In the end, Black was acquitted of nine of the counts against him, including racketeering, and convicted of siphoning off $6 million through bonuses disguised as such "non-compete" payments. Black also was convicted of obstruction of justice for removing documents from his offices.

Defense attorneys pleaded for lenience, showing letters from such celebrities as Sir Elton John, conservative writer and television personality William F. Buckley Jr., former Canadian Prime Minister Brian Mulroney and columnist George Will, describing Black as someone who had devoted much of his life to helping charities and those around him.

Black attorney Jeffrey B. Steinback urged St. Eve to be lenient, saying Black was not the arrogant figure he often has been depicted as and that at his age a long sentence would be "life without parole."

"An ember of hope sustains Conrad," Steinback said. "The calculations of the government are extreme and would extinguish that ember and I ask Your Honor not to do that."

But a shareholder, Eugene Fox, managing director of Connecticut-based Cardinal Capital Management, gave a victim-impact statement urging St. Eve to punish Black in a way that would warn other executives not to defraud shareholders. He said Black showed contempt for shareholders.

"He called us idiots and greedy fools," Fox said.

Attorney Andrew Frey, who has been hired to head the appeal effort, said he feels optimistic about Black's chances but added that the sentence, while shorter than what the government wanted, was daunting.

"For a 63-year-old man, six-and-a-half years is a lot of time to spend, especially if you don't feel you've committed a crime," Frey said.

Steinback quoted Elton John as calling Black "the sort of person who sticks with you through thick and thin" and George Will as saying Black had "an intense faith in the possibility of public improvement."

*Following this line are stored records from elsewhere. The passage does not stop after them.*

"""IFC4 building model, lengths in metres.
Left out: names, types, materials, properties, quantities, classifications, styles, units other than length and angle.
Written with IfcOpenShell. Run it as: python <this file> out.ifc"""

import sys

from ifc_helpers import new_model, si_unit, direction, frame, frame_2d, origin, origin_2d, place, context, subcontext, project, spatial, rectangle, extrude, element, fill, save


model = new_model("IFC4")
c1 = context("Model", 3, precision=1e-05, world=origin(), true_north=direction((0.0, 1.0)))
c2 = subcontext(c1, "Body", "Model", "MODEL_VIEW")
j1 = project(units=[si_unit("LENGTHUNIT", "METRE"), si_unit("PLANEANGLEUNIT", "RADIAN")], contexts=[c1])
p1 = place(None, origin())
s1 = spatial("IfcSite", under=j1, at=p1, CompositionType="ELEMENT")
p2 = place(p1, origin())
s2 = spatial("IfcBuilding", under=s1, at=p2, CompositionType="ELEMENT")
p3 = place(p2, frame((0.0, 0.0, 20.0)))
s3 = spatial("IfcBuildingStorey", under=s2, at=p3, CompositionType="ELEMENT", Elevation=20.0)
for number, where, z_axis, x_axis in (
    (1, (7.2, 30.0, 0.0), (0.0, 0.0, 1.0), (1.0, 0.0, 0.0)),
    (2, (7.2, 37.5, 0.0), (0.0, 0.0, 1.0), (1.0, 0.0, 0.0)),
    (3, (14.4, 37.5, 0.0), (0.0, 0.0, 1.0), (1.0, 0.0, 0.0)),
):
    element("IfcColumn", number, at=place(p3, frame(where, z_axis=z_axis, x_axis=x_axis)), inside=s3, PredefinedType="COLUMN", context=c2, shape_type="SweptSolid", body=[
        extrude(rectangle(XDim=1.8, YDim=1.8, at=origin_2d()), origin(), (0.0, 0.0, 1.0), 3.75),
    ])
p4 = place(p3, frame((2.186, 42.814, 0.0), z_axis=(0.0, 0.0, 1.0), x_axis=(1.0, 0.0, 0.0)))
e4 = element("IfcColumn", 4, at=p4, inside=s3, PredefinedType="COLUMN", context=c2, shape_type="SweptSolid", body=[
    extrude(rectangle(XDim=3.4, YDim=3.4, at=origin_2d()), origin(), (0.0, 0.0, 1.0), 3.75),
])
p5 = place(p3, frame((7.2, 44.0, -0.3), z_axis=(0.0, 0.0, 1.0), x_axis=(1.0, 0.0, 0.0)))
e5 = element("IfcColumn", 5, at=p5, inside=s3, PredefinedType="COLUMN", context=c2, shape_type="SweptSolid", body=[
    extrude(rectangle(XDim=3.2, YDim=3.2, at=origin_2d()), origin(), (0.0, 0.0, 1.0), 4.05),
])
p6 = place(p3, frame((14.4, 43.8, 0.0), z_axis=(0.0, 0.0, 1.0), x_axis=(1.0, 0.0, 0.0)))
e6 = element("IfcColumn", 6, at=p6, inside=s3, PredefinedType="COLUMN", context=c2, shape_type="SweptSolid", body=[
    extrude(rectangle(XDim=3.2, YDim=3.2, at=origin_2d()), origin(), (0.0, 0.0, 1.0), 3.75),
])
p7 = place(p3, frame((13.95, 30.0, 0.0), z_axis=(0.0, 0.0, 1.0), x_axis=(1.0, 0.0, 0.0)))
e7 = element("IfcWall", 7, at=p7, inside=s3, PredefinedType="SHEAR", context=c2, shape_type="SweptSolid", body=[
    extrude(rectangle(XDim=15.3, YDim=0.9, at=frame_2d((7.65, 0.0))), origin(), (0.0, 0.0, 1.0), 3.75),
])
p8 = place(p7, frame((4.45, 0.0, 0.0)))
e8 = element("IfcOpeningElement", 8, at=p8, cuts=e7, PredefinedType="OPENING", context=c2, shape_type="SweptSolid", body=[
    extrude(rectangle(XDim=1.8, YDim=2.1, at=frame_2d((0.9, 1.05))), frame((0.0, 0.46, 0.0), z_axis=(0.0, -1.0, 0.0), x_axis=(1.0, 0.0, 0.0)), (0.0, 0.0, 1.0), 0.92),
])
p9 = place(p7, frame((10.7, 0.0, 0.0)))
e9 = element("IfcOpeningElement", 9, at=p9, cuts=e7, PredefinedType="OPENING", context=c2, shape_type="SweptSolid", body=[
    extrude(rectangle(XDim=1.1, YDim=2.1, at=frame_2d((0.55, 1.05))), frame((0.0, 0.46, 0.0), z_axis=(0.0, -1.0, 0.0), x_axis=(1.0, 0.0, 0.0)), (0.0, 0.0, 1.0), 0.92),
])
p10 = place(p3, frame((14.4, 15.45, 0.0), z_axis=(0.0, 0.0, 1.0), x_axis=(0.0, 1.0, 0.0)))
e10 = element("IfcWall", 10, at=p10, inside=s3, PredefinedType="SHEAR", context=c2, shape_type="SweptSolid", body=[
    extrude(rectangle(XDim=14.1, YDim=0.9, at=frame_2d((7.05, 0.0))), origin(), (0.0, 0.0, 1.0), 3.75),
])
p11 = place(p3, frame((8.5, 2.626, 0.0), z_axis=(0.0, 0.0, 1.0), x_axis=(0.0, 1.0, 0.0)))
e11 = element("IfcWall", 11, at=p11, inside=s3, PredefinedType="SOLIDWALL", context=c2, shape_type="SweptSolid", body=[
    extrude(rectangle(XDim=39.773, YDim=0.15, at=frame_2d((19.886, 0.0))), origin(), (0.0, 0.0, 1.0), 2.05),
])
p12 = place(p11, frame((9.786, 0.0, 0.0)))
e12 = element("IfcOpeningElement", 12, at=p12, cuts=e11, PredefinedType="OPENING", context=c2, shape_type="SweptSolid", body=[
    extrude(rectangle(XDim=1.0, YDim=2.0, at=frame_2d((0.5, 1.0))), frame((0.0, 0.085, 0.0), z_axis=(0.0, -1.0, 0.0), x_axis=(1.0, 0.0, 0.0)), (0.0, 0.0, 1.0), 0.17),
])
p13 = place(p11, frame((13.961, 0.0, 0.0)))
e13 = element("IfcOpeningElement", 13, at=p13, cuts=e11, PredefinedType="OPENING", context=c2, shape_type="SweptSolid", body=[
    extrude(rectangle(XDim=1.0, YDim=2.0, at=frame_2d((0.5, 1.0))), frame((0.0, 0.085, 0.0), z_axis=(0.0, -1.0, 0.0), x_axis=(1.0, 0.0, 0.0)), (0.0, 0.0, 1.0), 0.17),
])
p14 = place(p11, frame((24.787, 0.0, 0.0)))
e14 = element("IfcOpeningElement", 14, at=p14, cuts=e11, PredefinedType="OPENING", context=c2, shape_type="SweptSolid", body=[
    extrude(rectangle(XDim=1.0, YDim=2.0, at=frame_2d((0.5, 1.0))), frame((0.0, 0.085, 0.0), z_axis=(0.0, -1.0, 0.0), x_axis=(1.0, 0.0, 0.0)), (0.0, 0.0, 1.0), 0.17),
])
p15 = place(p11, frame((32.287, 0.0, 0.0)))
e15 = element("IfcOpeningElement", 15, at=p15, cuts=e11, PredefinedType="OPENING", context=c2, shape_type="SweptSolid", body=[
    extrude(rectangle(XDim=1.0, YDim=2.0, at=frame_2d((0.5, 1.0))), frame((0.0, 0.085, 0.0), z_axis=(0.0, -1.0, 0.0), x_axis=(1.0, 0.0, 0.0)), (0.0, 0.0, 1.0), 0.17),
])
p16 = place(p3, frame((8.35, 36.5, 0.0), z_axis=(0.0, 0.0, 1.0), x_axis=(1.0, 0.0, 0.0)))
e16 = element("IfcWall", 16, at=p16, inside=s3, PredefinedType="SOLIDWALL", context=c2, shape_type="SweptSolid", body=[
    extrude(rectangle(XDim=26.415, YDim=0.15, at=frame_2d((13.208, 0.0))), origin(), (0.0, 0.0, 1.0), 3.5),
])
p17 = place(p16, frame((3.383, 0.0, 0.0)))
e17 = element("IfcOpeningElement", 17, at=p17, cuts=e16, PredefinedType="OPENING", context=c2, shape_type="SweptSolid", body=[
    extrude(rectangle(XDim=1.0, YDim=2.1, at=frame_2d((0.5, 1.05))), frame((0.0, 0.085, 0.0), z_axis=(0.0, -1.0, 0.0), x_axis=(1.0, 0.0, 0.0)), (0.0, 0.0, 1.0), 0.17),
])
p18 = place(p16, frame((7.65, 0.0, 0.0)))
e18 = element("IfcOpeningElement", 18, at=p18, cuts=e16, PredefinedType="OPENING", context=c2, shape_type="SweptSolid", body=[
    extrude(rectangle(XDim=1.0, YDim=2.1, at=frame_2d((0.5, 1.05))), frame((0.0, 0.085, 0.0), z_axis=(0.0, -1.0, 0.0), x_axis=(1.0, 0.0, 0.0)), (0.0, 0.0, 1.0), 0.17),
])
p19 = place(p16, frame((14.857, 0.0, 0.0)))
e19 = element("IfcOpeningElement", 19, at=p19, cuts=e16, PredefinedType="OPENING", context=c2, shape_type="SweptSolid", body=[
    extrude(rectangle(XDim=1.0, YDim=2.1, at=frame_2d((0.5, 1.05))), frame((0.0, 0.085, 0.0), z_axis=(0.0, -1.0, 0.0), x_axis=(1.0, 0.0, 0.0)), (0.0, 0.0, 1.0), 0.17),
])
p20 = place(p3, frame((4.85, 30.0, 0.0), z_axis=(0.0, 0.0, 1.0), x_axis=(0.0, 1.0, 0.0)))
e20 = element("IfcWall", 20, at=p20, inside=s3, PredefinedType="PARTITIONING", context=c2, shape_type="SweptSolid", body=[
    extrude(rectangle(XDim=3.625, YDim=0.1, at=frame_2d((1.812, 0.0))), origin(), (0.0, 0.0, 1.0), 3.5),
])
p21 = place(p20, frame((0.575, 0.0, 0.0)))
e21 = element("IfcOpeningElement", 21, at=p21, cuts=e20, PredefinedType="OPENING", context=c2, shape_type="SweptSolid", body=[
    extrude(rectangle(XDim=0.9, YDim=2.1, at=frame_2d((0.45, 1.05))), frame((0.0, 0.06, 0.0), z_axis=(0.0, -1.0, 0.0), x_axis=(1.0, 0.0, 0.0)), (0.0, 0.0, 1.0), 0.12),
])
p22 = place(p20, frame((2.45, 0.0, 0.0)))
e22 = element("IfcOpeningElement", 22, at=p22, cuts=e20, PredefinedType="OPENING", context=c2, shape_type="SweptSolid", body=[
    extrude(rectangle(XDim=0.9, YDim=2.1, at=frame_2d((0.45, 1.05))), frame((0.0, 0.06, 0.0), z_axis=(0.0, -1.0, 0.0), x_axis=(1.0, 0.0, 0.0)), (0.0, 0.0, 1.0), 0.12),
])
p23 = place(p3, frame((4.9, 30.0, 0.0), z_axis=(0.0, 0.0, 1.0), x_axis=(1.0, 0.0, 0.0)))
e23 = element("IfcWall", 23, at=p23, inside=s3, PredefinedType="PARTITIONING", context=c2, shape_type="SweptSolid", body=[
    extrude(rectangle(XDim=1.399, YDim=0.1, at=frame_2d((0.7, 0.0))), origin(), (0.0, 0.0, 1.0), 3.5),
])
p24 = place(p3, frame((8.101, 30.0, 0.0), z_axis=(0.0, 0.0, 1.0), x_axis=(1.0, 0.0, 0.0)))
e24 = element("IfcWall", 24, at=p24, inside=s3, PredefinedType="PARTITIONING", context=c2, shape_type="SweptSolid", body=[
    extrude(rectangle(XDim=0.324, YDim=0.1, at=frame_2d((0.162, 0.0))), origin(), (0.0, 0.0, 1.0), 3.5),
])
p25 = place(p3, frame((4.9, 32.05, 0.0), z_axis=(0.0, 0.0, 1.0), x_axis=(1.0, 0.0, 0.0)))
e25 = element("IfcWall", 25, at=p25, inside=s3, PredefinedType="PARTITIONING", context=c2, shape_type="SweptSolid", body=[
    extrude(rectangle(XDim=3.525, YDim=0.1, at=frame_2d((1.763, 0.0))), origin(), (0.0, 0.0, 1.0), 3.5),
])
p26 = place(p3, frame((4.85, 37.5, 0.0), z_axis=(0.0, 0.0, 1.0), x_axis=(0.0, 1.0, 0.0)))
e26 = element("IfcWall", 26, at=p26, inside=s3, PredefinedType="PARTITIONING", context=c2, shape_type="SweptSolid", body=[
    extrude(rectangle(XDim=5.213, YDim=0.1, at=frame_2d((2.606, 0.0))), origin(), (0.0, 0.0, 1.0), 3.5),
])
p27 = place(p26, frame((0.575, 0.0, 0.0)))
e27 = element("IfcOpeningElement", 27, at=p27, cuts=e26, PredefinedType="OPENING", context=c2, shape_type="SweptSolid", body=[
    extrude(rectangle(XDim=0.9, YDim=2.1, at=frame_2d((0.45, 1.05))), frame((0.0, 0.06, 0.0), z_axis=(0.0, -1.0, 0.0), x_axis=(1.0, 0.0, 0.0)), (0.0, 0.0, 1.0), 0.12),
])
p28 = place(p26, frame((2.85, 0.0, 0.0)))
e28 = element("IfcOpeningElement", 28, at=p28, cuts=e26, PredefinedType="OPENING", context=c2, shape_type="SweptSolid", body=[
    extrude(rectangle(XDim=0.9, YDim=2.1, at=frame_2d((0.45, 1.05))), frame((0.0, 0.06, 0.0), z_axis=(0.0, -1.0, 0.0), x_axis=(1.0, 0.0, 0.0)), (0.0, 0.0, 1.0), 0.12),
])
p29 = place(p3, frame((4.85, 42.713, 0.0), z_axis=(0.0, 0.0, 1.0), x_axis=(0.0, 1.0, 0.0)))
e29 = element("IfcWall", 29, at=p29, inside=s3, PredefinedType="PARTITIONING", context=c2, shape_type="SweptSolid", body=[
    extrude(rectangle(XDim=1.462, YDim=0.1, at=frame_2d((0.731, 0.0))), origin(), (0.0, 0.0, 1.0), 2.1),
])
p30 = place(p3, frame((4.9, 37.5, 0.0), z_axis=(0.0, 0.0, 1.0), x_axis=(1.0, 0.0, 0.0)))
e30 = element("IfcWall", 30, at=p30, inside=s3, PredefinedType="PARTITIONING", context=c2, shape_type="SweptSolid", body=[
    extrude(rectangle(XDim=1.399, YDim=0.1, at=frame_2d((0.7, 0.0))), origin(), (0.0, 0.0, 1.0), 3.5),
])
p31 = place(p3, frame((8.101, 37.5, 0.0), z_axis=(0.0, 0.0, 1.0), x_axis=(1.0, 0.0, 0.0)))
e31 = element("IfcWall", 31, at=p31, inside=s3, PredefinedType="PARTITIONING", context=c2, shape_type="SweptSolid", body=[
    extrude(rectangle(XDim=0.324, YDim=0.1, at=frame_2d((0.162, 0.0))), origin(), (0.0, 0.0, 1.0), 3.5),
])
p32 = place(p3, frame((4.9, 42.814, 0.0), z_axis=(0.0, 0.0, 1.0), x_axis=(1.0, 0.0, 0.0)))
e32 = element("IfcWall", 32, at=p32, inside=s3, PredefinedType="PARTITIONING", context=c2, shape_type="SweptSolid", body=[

Lead prosecutor Eric Sussman acknowledged that many people believe Black, an accomplished biographer whose subjects have included Franklin D. Roosevelt and Richard M. Nixon, is an extraordinary man and that many people are guaranteed to ask "how could this have happened?"

"But the fact is he stands before the court convicted of stealing money from the company he founded," Sussman said.

"Unlike the bank robbers who walked into banks and stole money from people they didn't know, he stole money from people he did know," Sussman said. "What brought him here today was his own greed and disdain for the rule of law."